An “unidentified man” allegedly punched a South Korean diplomat on a Manhattan sidewalk on Wednesday night in New York City, causing the South Korean to suffer a broken nose, the Korean Broadcasting System (KBS) reported on Friday.
A South Korean diplomat, who is stationed at South Korea’s Permanent Mission to the United Nations (U.N.), “was punched in the face by an unidentified man in what police described as an ‘unprovoked’ attack at around 8 p.m. on Wednesday near Koreatown in Manhattan,” KBS reported on February 11.
The assailant reportedly fled the scene. The New York City Police Department (NYPD) said Thursday it was probing the incident and had yet to make any arrests in connection with the case.

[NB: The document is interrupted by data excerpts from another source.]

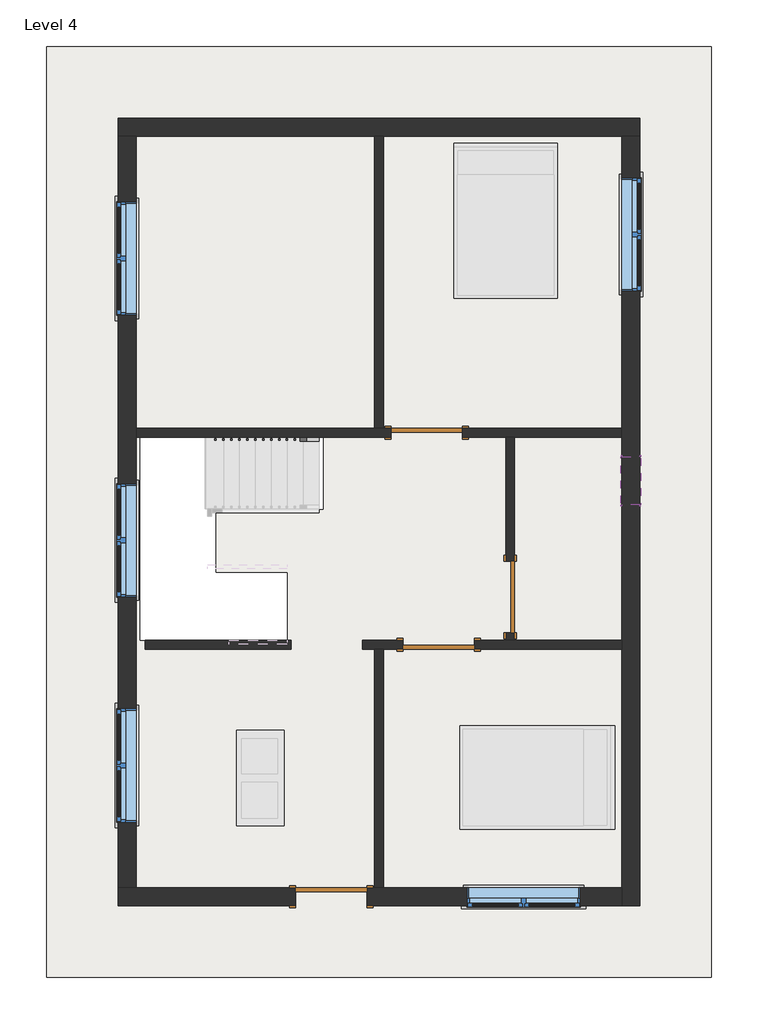
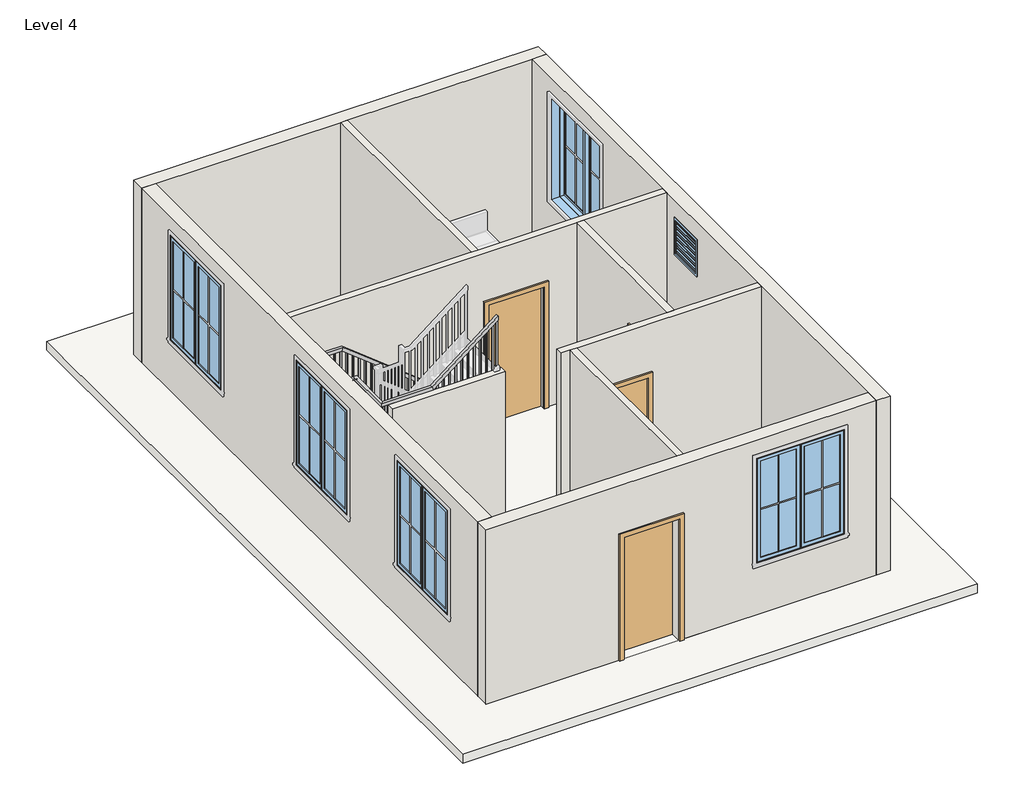
# One storey, part 1 of 2: 10 walls, 6 windows, 4 doors, 1 railing, 1 roof, 1 slab.
"""IFC4 building model written with IfcOpenShell, lengths in millimetres."""

from ifc_helpers import new_model, si_unit, frame, origin, place, context, project, spatial, polyline, outline, extrude, faceted_brep, transform, mapped, element, save
from components import door_e5f9f3c4, door_0ca8825f, window_9ac97e1a, window_f2d8fef0

model = new_model("IFC4")

# Units and contexts
model_context = context("Model", 3, world=origin())
ifc_project = project(units=[si_unit("LENGTHUNIT", "METRE", prefix="MILLI")], contexts=[model_context])

# Site, building, storey
site = spatial("IfcSite", under=ifc_project)
building = spatial("IfcBuilding", under=site)
storey = spatial("IfcBuildingStorey", under=building, Name="Level 4", Elevation=6400.8)

# Doors
placement = place(None, origin())
door_shape = door_e5f9f3c4(model_context)
element("IfcDoor", 1, ObjectType="Single-Flush : 36\" x 84\"", at=placement, inside=storey, context=model_context, shape_type="MappedRepresentation", body=[
    mapped(door_shape, transform((-2225.1840247, 979.1819954, 6400.8), x_axis=(1.0, 0.0, 0.0), y_axis=(0.0, 1.0, 0.0), z_axis=(0.0, 0.0, 1.0))),
])
element("IfcDoor", 2, ObjectType="Single-Flush : 36\" x 84\"", at=placement, inside=storey, context=model_context, shape_type="MappedRepresentation", body=[
    mapped(door_shape, transform((-1158.3840247, -1116.3180046, 6400.8), x_axis=(0.0, -1.0, 0.0), y_axis=(1.0, 0.0, 0.0), z_axis=(0.0, 0.0, 1.0))),
])
element("IfcDoor", 3, ObjectType="Single-Flush : 36\" x 84\"", at=placement, inside=storey, context=model_context, shape_type="MappedRepresentation", body=[
    mapped(door_shape, transform((-2072.7840247, -1725.9180046, 6400.8), x_axis=(-1.0, 0.0, 0.0), y_axis=(0.0, -1.0, 0.0), z_axis=(0.0, 0.0, 1.0))),
])
door_2_shape = door_0ca8825f(model_context)
element("IfcDoor", 4, ObjectType="Single-Flush : 36\" x 84\"", at=placement, inside=storey, context=model_context, shape_type="MappedRepresentation", body=[
    mapped(door_2_shape, transform((-3444.3840247, -4945.3680046, 6400.8), x_axis=(1.0, 0.0, 0.0), y_axis=(0.0, 1.0, 0.0), z_axis=(0.0, 0.0, 1.0))),
])

# Railing
element("IfcRailing", 5, ObjectType="Handrail - Rectangular", at=placement, inside=storey, context=model_context, shape_type="SolidModel", body=[
    faceted_brep([(-3603.1340247, 871.2319954, 7475.6210526), (-3603.1340247, 871.2319954, 7410.8980109), (-3603.1340247, 922.0319954, 7410.8980109), (-3603.1340247, 922.0319954, 7475.6210526), (-5097.5006913, 871.2319954, 8655.3842105), (-5115.1365442, 871.2319954, 8604.5842105), (-5115.1365442, 922.0319954, 8604.5842105), (-5097.5006913, 922.0319954, 8655.3842105), (-5889.1340247, 871.2319954, 8655.3842105), (-5889.1340247, 871.2319954, 8604.5842105), (-5939.9340247, 922.0319954, 8604.5842105), (-5939.9340247, 922.0319954, 8655.3842105), (-5889.1340247, 130.6632454, 8655.3842105), (-5889.1340247, 112.1228815, 8604.5842105), (-5939.9340247, 112.1228815, 8604.5842105), (-5939.9340247, 130.6632454, 8655.3842105), (-5889.1340247, -877.3992546, 9504.2789474), (-5889.1340247, -895.9396185, 9453.4789474), (-5939.9340247, -895.9396185, 9453.4789474), (-5939.9340247, -877.3992546, 9504.2789474), (-5889.1340247, -1617.9680046, 9504.2789474), (-5889.1340247, -1617.9680046, 9453.4789474), (-5939.9340247, -1668.7680046, 9453.4789474), (-5939.9340247, -1668.7680046, 9504.2789474), (-5097.5006913, -1617.9680046, 9504.2789474), (-5079.8648385, -1617.9680046, 9453.4789474), (-5079.8648385, -1668.7680046, 9453.4789474), (-5097.5006913, -1668.7680046, 9504.2789474), (-4009.5340247, -1617.9680046, 10363.2), (-4009.5340247, -1668.7680046, 10363.2), (-4009.5340247, -1668.7680046, 10298.4769583), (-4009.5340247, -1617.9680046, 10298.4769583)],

South Korea’s foreign ministry confirmed the attack on its diplomat in a February 10 statement in which it urged the NYPD to “conduct a quick and thorough investigation.”
“According to the NYPD, the number of hate crimes against Asians in New York [City] surged from 28 in 2020 to 131 last year,” KBS noted on Friday. Police will not know if Wednesday’s assault was a hate crime until they find the assailant and investigate the motives behind the attack.
The South Korean diplomat — whose identity remains undisclosed to respect his privacy — was physically assaulted in Manhattan, a borough of New York City (NYC) with the highest number of hate crimes among NYC’s five boroughs in 2021.
“Manhattan, with 199 bias incidents, has led the city’s record rise in hate crimes this year,” the New York Post reported on December 18, 2021, citing NYPD data.
“Of those, 134 occurred in Midtown’s Manhattan South precinct, according to Compstat figures through Dec. 12,” the newspaper relayed.
The South Korean diplomat was attacked “near the corner of East 35th Street and Fifth Avenue in midtown Manhattan” on February 9, according to NBC News.
“The assault happened on the edge of Manhattan’s Koreatown and about a mile southwest of U.N. headquarters,” the news outlet revealed.
NYC has experienced a surge in both anti-Asian attacks and crime in general over the past two years due in part to the city’s leftwing governance and criminal justice policies.
Manhattan District Attorney Alvin Bragg issued a “Day One” staff memo on January 3 “which directs prosecutors to drop some misdemeanor cases, not seek bail or prison time for most defendants and to downgrade certain felonies to misdemeanors,” the New York Post reported.
After receiving negative backlash from the New York public after his January 3 memo leaked to the press, Bragg issued a new memo on February 4 clarifying that “commercial robberies with a gun or at knifepoint will be charged as felonies.”